Monday, June 1, 2009

10 Reasons to Like Canada. Because Most of us Need a Reason

with the stanley cup finals goin' on right now, that's hockey in case you were wondering, i decided i would compile a list of good things we get from canada.

11. poutin. aka gravy fries with topped with cheese curds. something so bad for you, must be good.

10. dan ackroyd. snl. blues brothers. coneheads. ghostbusters. bc of all that i will forgive him for teaming up with satan when he did "dish is a disease" campaign for charter.

9. alex trebek. mr. mustache is awesome. he has entertained us for years, and since he apparently doesn't age, he will be entertaining our great-great grandchildren also.

8. robin scherbatsky. shes a character from the show how i met your mother. its a fantastic show that has doogie howser on it. she constantly makes references to canadian life therefore teaching me what the great white north is truly like.

7. maine, vermont, new hampshire, minnesota, and the northern part of michigan. the only good things i can think of from these states is, the syrup and cheese we get from vermont. the twins from minnesota who provided us with one of the best world series all time in '91 when they beat the braves. new hampshire gave me my good friend sick nick goddard. maine gives us lobster. and i think we should give back the little northern finger part of michigan back we have no real use for it.

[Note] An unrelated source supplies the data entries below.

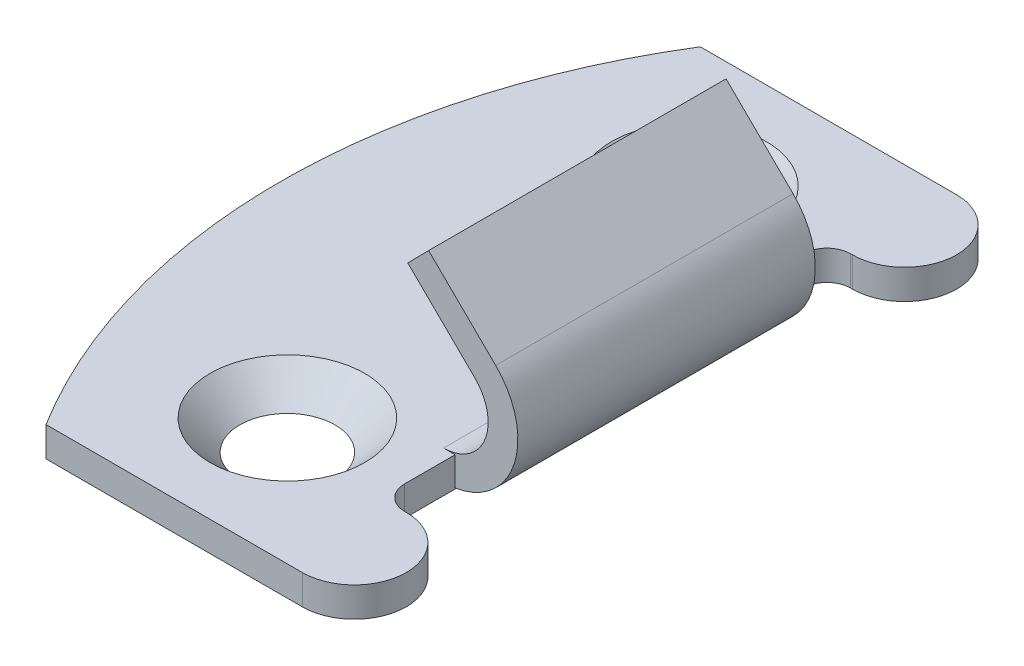
from build123d import *

# Parameters (mm, degrees)
EXTRUDE_1_DEPTH      = 5
EXTRUDE_1_DEPTH_BACK = 5
EXTRUDE_2_DEPTH      = 1
SKETCH_3_W           = 100
SKETCH_3_H           = 100
SKETCH_3_R           = 20.87
CUT_EXTRUDE_1_DEPTH  = 2


with BuildPart() as part:
    # 草图1 → 凸台-拉伸1 (new, two sides: drawn at the far end of the back side and taken through both)
    with BuildSketch(Plane.XY.offset(-EXTRUDE_1_DEPTH_BACK)):
        with BuildLine():
            Line((0, 0), (10.5, 0))
            ThreePointArc((10.5, 0), (12.813469706, 1.552446351), (12.253709329, 4.281713666))
            Line((12.253709329, 4.281713666), (10, 6.5))
            Line((10, 6.5), (9.298516268, 5.787314534))
            Line((9.298516268, 5.787314534), (11.552225598, 3.5690282))
            ThreePointArc((11.552225598, 3.5690282), (11.888081824, 1.931467811), (10.5, 1))
            Line((10.5, 1), (0, 1))
            Line((0, 1), (0, 0))
        make_face()
    extrude(amount=EXTRUDE_1_DEPTH + EXTRUDE_1_DEPTH_BACK)

    # 草图2 → 凸台-拉伸2 (add)
    with BuildSketch(Plane(origin=(0, 0, 0), x_dir=(1, 0, 0), z_dir=(0, 1, 0))):
        with BuildLine():
            Line((3.134247972, -11), (11.75, -11))
            ThreePointArc((11.75, -11), (13.5, -9.25), (11.75, -7.5))
            Line((11.75, -7.5), (11.69, -7.5))
            ThreePointArc((11.69, -7.5), (11.124314575, -7.265685425), (10.89, -6.7))
            Line((10.89, -6.7), (10.89, 6.7))
            ThreePointArc((10.89, 6.7), (11.124314575, 7.265685425), (11.69, 7.5))
            Line((11.69, 7.5), (11.75, 7.5))
            ThreePointArc((11.75, 7.5), (13.5, 9.25), (11.75, 11))
            Line((11.75, 11), (3.134247972, 11))
            ThreePointArc((3.134247972, 11), (0, 0), (3.134247972, -11))
        make_face()
    extrude(amount=EXTRUDE_2_DEPTH)

    # 草图3 → 切除-拉伸1 (cut)
    with BuildSketch(Plane(origin=(0, 0, 0), x_dir=(1, 0, 0), z_dir=(0, 1, 0))):
        Rectangle(SKETCH_3_W, SKETCH_3_H)
        with Locations((20.87, 0)):
            Circle(SKETCH_3_R, mode=Mode.SUBTRACT)
    extrude(amount=CUT_EXTRUDE_1_DEPTH, mode=Mode.SUBTRACT)

    # 草图4 → 切除-旋转1 (revolve, cut)
    with BuildSketch(Plane.XY.offset(6.75), mode=Mode.PRIVATE) as cut_revolve_1_sk:
        Polygon((7, 1), (9.6, 1), (8.6, 0), (7, 0), align=None)
    revolve(cut_revolve_1_sk.sketch.rotate(Axis((7, 0, 6.75), (0, 1, 0)), 270), axis=Axis((7, 0, 6.75), (0, 1, 0)), mode=Mode.SUBTRACT)

    # 草图5 → 切除-旋转2 (revolve, cut)
    with BuildSketch(Plane.XY.offset(-6.75), mode=Mode.PRIVATE) as cut_revolve_2_sk:
        Polygon((7, 1), (9.6, 1), (8.6, 0), (7, 0), align=None)
    revolve(cut_revolve_2_sk.sketch.rotate(Axis((7, 0, -6.75), (0, 1, 0)), 270), axis=Axis((7, 0, -6.75), (0, 1, 0)), mode=Mode.SUBTRACT)


solid = part.part
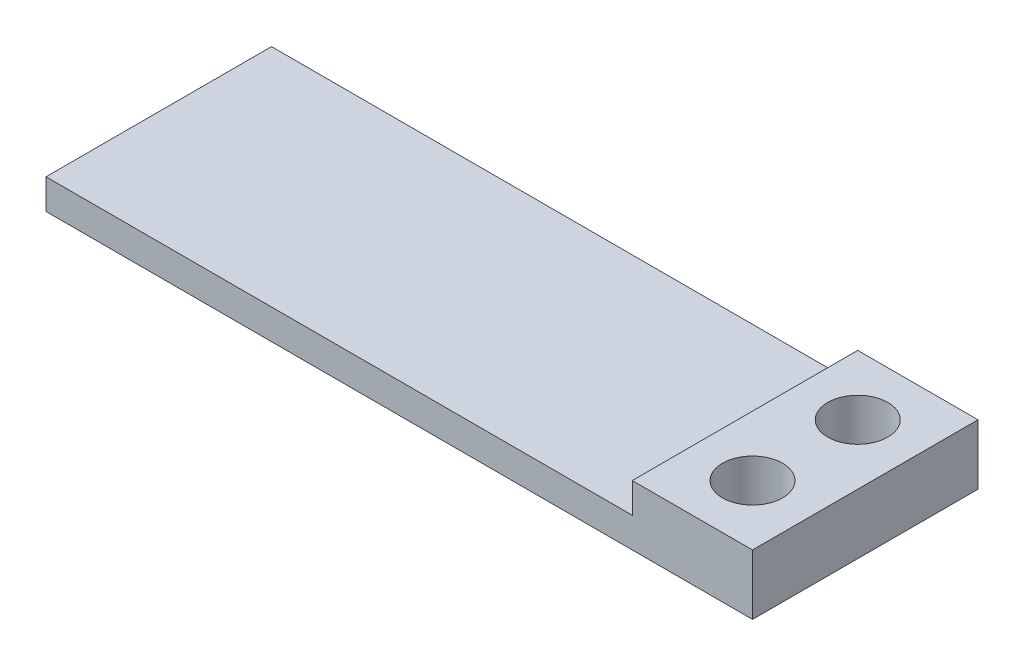
from build123d import *

# Parameters (mm, degrees)
EXTRUDE_1_DEPTH     = 7.5
CUT_EXTRUDE_1_REACH = 49.762
SKETCH_2_R          = 2


with BuildPart() as part:
    # 草图1 → 凸台-拉伸1 (new, symmetric)
    with BuildSketch(Plane.XY):
        Polygon((0, 0), (47, 0), (47, 4), (39, 4), (39, 2), (0, 2), align=None)
    extrude(amount=EXTRUDE_1_DEPTH, both=True)

    # 草图2 → 切除-拉伸1 (cut, up to next)
    with BuildSketch(Plane(origin=(0, 4, 0), x_dir=(1, 0, 0), z_dir=(0, 1, 0)), mode=Mode.PRIVATE) as cut_extrude_1_sk1:
        with Locations(Location((43, 3.5, 0), (0, 0, 180))):
            Circle(SKETCH_2_R)
    cut_extrude_1_tool1 = extrude(cut_extrude_1_sk1.sketch, amount=-CUT_EXTRUDE_1_REACH, mode=Mode.PRIVATE) & part.part
    # 草图2 → 切除-拉伸1 (cut, up to next)
    with BuildSketch(Plane(origin=(0, 4, 0), x_dir=(1, 0, 0), z_dir=(0, 1, 0)), mode=Mode.PRIVATE) as cut_extrude_1_sk2:
        with Locations(Location((43, -3.5, 0), (0, 0, 180))):
            Circle(SKETCH_2_R)
    cut_extrude_1_tool2 = extrude(cut_extrude_1_sk2.sketch, amount=-CUT_EXTRUDE_1_REACH, mode=Mode.PRIVATE) & part.part
    add(cut_extrude_1_tool1.solids().sort_by_distance((43, 4, -3.5))[0], mode=Mode.SUBTRACT)
    add(cut_extrude_1_tool2.solids().sort_by_distance((43, 4, 3.5))[0], mode=Mode.SUBTRACT)


solid = part.part

6. speaking of syrup. pure maple syrup is amazing. what better place to get maple syrup than a country with a maple leaf for a flag.

5. bigfoot. this one is tricky. his mother is from wisconsin, but his dad is from alberta. while they were visiting daddy bigfoot's parents baby bigfoot was born. but since his birth certificate says canadia on it, he is canadian.

4. the kids in the hall. best sketch comedy ever. old school snl is great, mad tv has its moments and in living color was awesome. just too many wayans'. kids in the hall dominates. i'm squishing your head!!

3. john candy. wow. i think his (large) body..... of work speaks for itself. a true comedic genius. he is missed every day someone sees one of his movies. especially when he teams up with another canadian hero dan ackroyd in the great outdoors.

2. bryan adams. guilty pleasure but without him, you think robin hood and maid marian would have gotten together in robin hood prince of thieves? plus summer of '69 is a great way to start a party. don't hate. you know you like it.

1. snow. litle known fact, its manufactured in northern calgary. shipping costs really keep us from getting it down here in the south, but its fun when it shows up. snowboarders thank you.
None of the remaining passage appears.